In an article published last year in the Rancho Santa Fe Review, Hermann left the impression that he hoped to hold onto the Inn at Rancho Santa Fe for a while.

“I really look at purchasing The Inn as being a steward” of its history, he told the publication at the time. “It’s like a great piece of art and my job is to make sure the property is properly restored and renewed so it’s available for future generations.”

Hermann, who in addition to being a developer and hotelier, is also a designer. While he no longer will own the inn, he will continue to work with GEM Capital to complete the renovation, said the public relations firm representing the resort. The hotel remains largely closed while it is being upgraded, although it is open to those with existing reservations. No new reservations are being taken at this time.

“Steve has done an amazing job with the hotel’s renovation and his underlying signature style elements will remain throughout the repositioning and relaunch of The Inn and will continue to be a part of the hotel’s legacy going forward,” said Katie Elicker of The Point PR firm.

In an email sent Tuesday to the Union-Tribune, Elicker described the ongoing project as a “multi-million-dollar” renovation. Two months earlier, it was said to be $50 million. At the time of Hermann’s purchase a year ago, it was disclosed that he secured a $50 million loan for the acquisition and improvements to the property.

Even with the costly renovation, Hermann still stands to make a decent profit of roughly $7 million in a year’s time, although it’s unknown how much of his or his company’s money was invested in the original acquisition and capital improvements, Hise said.

“In general, high-priced hotel transactions like this are very limited, given the current financing environment but big deals like this do happen where institutional buyers who have extra capital to spend will purchase a high-end hotel like this that they think has promise for the future,” she said. “It’s a luxury hotel and the buyer probably sees the upside in the renovations.”

She noted that given what appears to be rising costs for the inn’s makeover, she isn’t surprised that Hermann may have wanted to sell.

“So that’s another reason why we’re not seeing a lot of these big transactions occur because a lot of owners and developers are taking the wait-and-see approach,” she said. “They’re saying, let’s wait until the costs are more favorable, and there’s still talk of a possible recession, so that’s why it’s harder for investors to get deals to pencil out right now.”

Reay suspects that Hermann may have been under financial pressure to sell but it’s hard to know for sure, he said.

“If all we have to go on is that he paid $42.7 million and a press release says he put $50 million into the renovation, you’re probably selling it because you went way, way over budget on your renovation,” Reay speculated.

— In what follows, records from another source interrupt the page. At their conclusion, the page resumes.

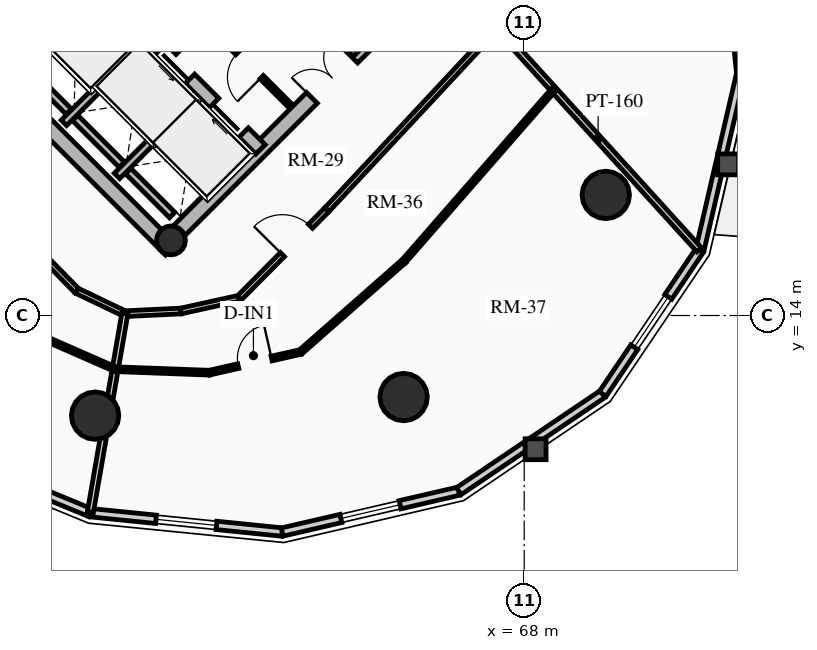
"""IFC4 building model, lengths in metres.
Left out: names, types, materials, properties, quantities, classifications, styles, units other than length and angle.
Written with IfcOpenShell. Run it as: python <this file> out.ifc"""

import sys

from ifc_helpers import new_model, si_unit, direction, frame, frame_2d, origin, origin_2d, place, context, subcontext, project, spatial, rectangle, circle, hollow_circle, extrude, source, transform, mapped, element, fill, save


model = new_model("IFC4")
c1 = context("Model", 3, precision=1e-05, world=origin(), true_north=direction((0.0, 1.0)))
c2 = subcontext(c1, "Body", "Model", "MODEL_VIEW")
j1 = project(units=[si_unit("LENGTHUNIT", "METRE"), si_unit("PLANEANGLEUNIT", "RADIAN")], contexts=[c1])
p1 = place(None, origin())
s1 = spatial("IfcSite", under=j1, at=p1, CompositionType="ELEMENT")
p2 = place(p1, origin())
s2 = spatial("IfcBuilding", under=s1, at=p2, CompositionType="ELEMENT")
p3 = place(p2, frame((0.0, 0.0, 163.24)))
s3 = spatial("IfcBuildingStorey", under=s2, at=p3, CompositionType="ELEMENT", Elevation=163.24)
p4 = place(p3, frame((58.702, 15.732, 0.0), z_axis=(0.0, 0.0, 1.0), x_axis=(-0.707106781187, 0.707106781187, 0.0)))
e1 = element("IfcWall", 1, at=p4, inside=s3, PredefinedType="SHEAR", context=c2, shape_type="SweptSolid", body=[
    extrude(rectangle(XDim=14.1, YDim=0.4, at=frame_2d((7.05, 0.0))), origin(), (0.0, 0.0, 1.0), 2.91),
])
p5 = place(p3, frame((58.561, 15.873, 0.0), z_axis=(0.0, 0.0, 1.0), x_axis=(0.707106781187, 0.707106781187, 0.0)))
e2 = element("IfcWall", 2, at=p5, inside=s3, PredefinedType="SHEAR", context=c2, shape_type="SweptSolid", body=[
    extrude(rectangle(XDim=10.7, YDim=0.4, at=frame_2d((5.35, 0.0))), origin(), (0.0, 0.0, 1.0), 2.91),
])
m1 = source(origin(), c2, "Body", "SweptSolid", [
    extrude(rectangle(XDim=1.5, YDim=2.02, at=frame_2d((0.75, 1.01))), frame((0.0, 0.21, 0.0), z_axis=(0.0, -1.0, 0.0), x_axis=(1.0, 0.0, 0.0)), (0.0, 0.0, 1.0), 0.42),
])
p6 = place(p5, frame((5.45, 0.0, 0.0)))
e3 = element("IfcOpeningElement", 3, at=p6, cuts=e2, PredefinedType="OPENING", context=c2, shape_type="MappedRepresentation", body=[
    mapped(m1, transform((0.0, 0.0, 0.0), x_axis=(1.0, 0.0, 0.0), y_axis=(0.0, 1.0, 0.0), z_axis=(0.0, 0.0, 1.0), scale=1.0)),
])
p7 = place(p3, frame((61.06, 18.373, 0.0), z_axis=(0.0, 0.0, 1.0), x_axis=(-0.707106781187, 0.707106781187, 0.0)))
e4 = element("IfcWall", 4, at=p7, inside=s3, PredefinedType="SHEAR", context=c2, shape_type="SweptSolid", body=[
    extrude(rectangle(XDim=13.7, YDim=0.35, at=frame_2d((6.85, 0.0))), origin(), (0.0, 0.0, 1.0), 2.91),
])
m2 = source(origin(), c2, "Body", "SweptSolid", [
    extrude(rectangle(XDim=1.1, YDim=2.015, at=frame_2d((0.55, 1.007))), frame((0.0, 0.185, 0.0), z_axis=(0.0, -1.0, 0.0), x_axis=(1.0, 0.0, 0.0)), (0.0, 0.0, 1.0), 0.37),
])
p8 = place(p7, frame((4.85, 0.0, 0.0)))
e5 = element("IfcOpeningElement", 5, at=p8, cuts=e4, PredefinedType="OPENING", context=c2, shape_type="MappedRepresentation", body=[
    mapped(m2, transform((0.0, 0.0, 0.0), x_axis=(1.0, 0.0, 0.0), y_axis=(0.0, 1.0, 0.0), z_axis=(0.0, 0.0, 1.0), scale=1.0)),
])
p9 = place(p7, frame((0.625, 0.0, 0.0)))
e6 = element("IfcOpeningElement", 6, at=p9, cuts=e4, PredefinedType="OPENING", context=c2, shape_type="MappedRepresentation", body=[
    mapped(m2, transform((0.0, 0.0, 0.0), x_axis=(1.0, 0.0, 0.0), y_axis=(0.0, 1.0, 0.0), z_axis=(0.0, 0.0, 1.0), scale=1.0)),
])
p10 = place(p7, frame((2.625, 0.0, 0.0)))
e7 = element("IfcOpeningElement", 7, at=p10, cuts=e4, PredefinedType="OPENING", context=c2, shape_type="MappedRepresentation", body=[
    mapped(m2, transform((0.0, 0.0, 0.0), x_axis=(1.0, 0.0, 0.0), y_axis=(0.0, 1.0, 0.0), z_axis=(0.0, 0.0, 1.0), scale=1.0)),
])
m3 = source(origin(), c2, "Body", "SweptSolid", [
    extrude(rectangle(XDim=1.15, YDim=2.02, at=frame_2d((0.575, 1.01))), frame((0.0, 0.185, 0.0), z_axis=(0.0, -1.0, 0.0), x_axis=(1.0, 0.0, 0.0)), (0.0, 0.0, 1.0), 0.37),
])
p11 = place(p7, frame((7.27, 0.0, 0.0)))
e8 = element("IfcOpeningElement", 8, at=p11, cuts=e4, PredefinedType="OPENING", context=c2, shape_type="MappedRepresentation", body=[
    mapped(m3, transform((0.0, 0.0, 0.0), x_axis=(1.0, 0.0, 0.0), y_axis=(0.0, 1.0, 0.0), z_axis=(0.0, 0.0, 1.0), scale=1.0)),
])
p12 = place(p3, frame((63.627, 20.94, 0.0), z_axis=(0.0, 0.0, 1.0), x_axis=(-0.707119496762, 0.707094065383, 0.0)))
e9 = element("IfcWall", 9, at=p12, inside=s3, PredefinedType="SHEAR", context=c2, shape_type="SweptSolid", body=[
    extrude(rectangle(XDim=9.6, YDim=0.35, at=frame_2d((4.8, 0.0))), origin(), (0.0, 0.0, 1.0), 2.91),
])
p13 = place(p12, frame((5.28, 0.0, 0.0)))
e10 = element("IfcOpeningElement", 10, at=p13, cuts=e9, PredefinedType="OPENING", context=c2, shape_type="MappedRepresentation", body=[
    mapped(m3, transform((0.0, 0.0, 0.0), x_axis=(1.0, 0.0, 0.0), y_axis=(0.0, 1.0, 0.0), z_axis=(0.0, 0.0, 1.0), scale=1.0)),
])
p14 = place(p3, frame((53.784, 21.003, 0.0), z_axis=(0.0, 0.0, 1.0), x_axis=(0.707106781187, 0.707106781187, 0.0)))
e11 = element("IfcWall", 11, at=p14, inside=s3, PredefinedType="SHEAR", context=c2, shape_type="SweptSolid", body=[
    extrude(rectangle(XDim=3.285, YDim=0.35, at=frame_2d((1.643, 0.0))), origin(), (0.0, 0.0, 1.0), 2.91),
])
p15 = place(p3, frame((58.706, 15.976, 0.0), z_axis=(0.0, 0.0, 1.0), x_axis=(0.707106781187, 0.707106781187, 0.0)))
e12 = element("IfcColumn", 12, at=p15, inside=s3, PredefinedType="COLUMN", context=c2, shape_type="SweptSolid", body=[
    extrude(hollow_circle(Radius=0.38, WallThickness=0.032, at=origin_2d()), origin(), (0.0, 0.0, 1.0), 2.91),
])
for number, where, z_axis, x_axis in (
    (13, (56.709, 11.365, 0.0), (0.0, 0.0, 1.0), (1.0, 0.0, 0.0)),
    (14, (64.827, 11.854, 0.0), (0.0, 0.0, 1.0), (1.0, 0.0, 0.0)),
    (15, (70.146, 17.173, 0.0), (0.0, 0.0, 1.0), (1.0, 0.0, 0.0)),
):
    element("IfcColumn", number, at=place(p3, frame(where, z_axis=z_axis, x_axis=x_axis)), inside=s3, PredefinedType="USERDEFINED", context=c2, shape_type="SweptSolid", body=[
        extrude(circle(Radius=0.625, at=origin_2d()), origin(), (0.0, 0.0, 1.0), 2.91),
    ])
p16 = place(p3, frame((56.582, 8.811, 0.0), z_axis=(0.0, 0.0, 1.0), x_axis=(-0.924528197738, 0.38111364655, 0.0)))
e16 = element("IfcWall", 16, at=p16, inside=s3, PredefinedType="SOLIDWALL", context=c2, shape_type="SweptSolid", body=[
    extrude(rectangle(XDim=5.366, YDim=0.22, at=frame_2d((2.683, 0.0))), origin(), (0.0, 0.0, 1.0), 2.245),
])
p17 = place(p3, frame((61.633, 8.302, 0.0), z_axis=(0.0, 0.0, 1.0), x_axis=(-0.994959267396, 0.100279889424, 0.0)))
e17 = element("IfcWall", 17, at=p17, inside=s3, PredefinedType="SOLIDWALL", context=c2, shape_type="SweptSolid", body=[
    extrude(rectangle(XDim=5.076, YDim=0.22, at=frame_2d((2.538, 0.0))), origin(), (0.0, 0.0, 1.0), 2.245),
])
m4 = source(origin(), c2, "Body", "SweptSolid", [
    extrude(rectangle(XDim=1.6, YDim=1.3, at=frame_2d((0.8, 0.65))), frame((0.0, 0.12, 0.0), z_axis=(0.0, -1.0, 0.0), x_axis=(1.0, 0.0, 0.0)), (0.0, 0.0, 1.0), 0.24),
])
p18 = place(p17, frame((1.738, 0.0, 0.65)))
e18 = element("IfcOpeningElement", 18, at=p18, cuts=e17, PredefinedType="OPENING", context=c2, shape_type="MappedRepresentation", body=[
    mapped(m4, transform((0.0, 0.0, 0.0), x_axis=(1.0, 0.0, 0.0), y_axis=(0.0, 1.0, 0.0), z_axis=(0.0, 0.0, 1.0), scale=1.0)),
])
p19 = place(p3, frame((66.279, 9.378, 0.0), z_axis=(0.0, 0.0, 1.0), x_axis=(-0.974206226622, -0.225659540039, 0.0)))
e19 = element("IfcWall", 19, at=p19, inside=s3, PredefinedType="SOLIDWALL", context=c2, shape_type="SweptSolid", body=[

The Inn at Rancho Santa Fe has a rich history dating to the earlier days of Hollywood when the resort welcomed legendary stars like Bing Crosby and Charlie Chaplin.

Originally built by the Santa Fe Land Improvement Co. — the developers of Rancho Santa Fe — as a guesthouse for clients, the inn was named La Morada when it first opened in 1923. The name later changed to the Inn at Rancho Santa Fe in the early 1940s when it was acquired by its third owner.

Before the hotel was acquired by JMI in 2012, it was last sold in 1958, when Stephen Royce, who had been a pitcher for the New York Giants for just one year, purchased it.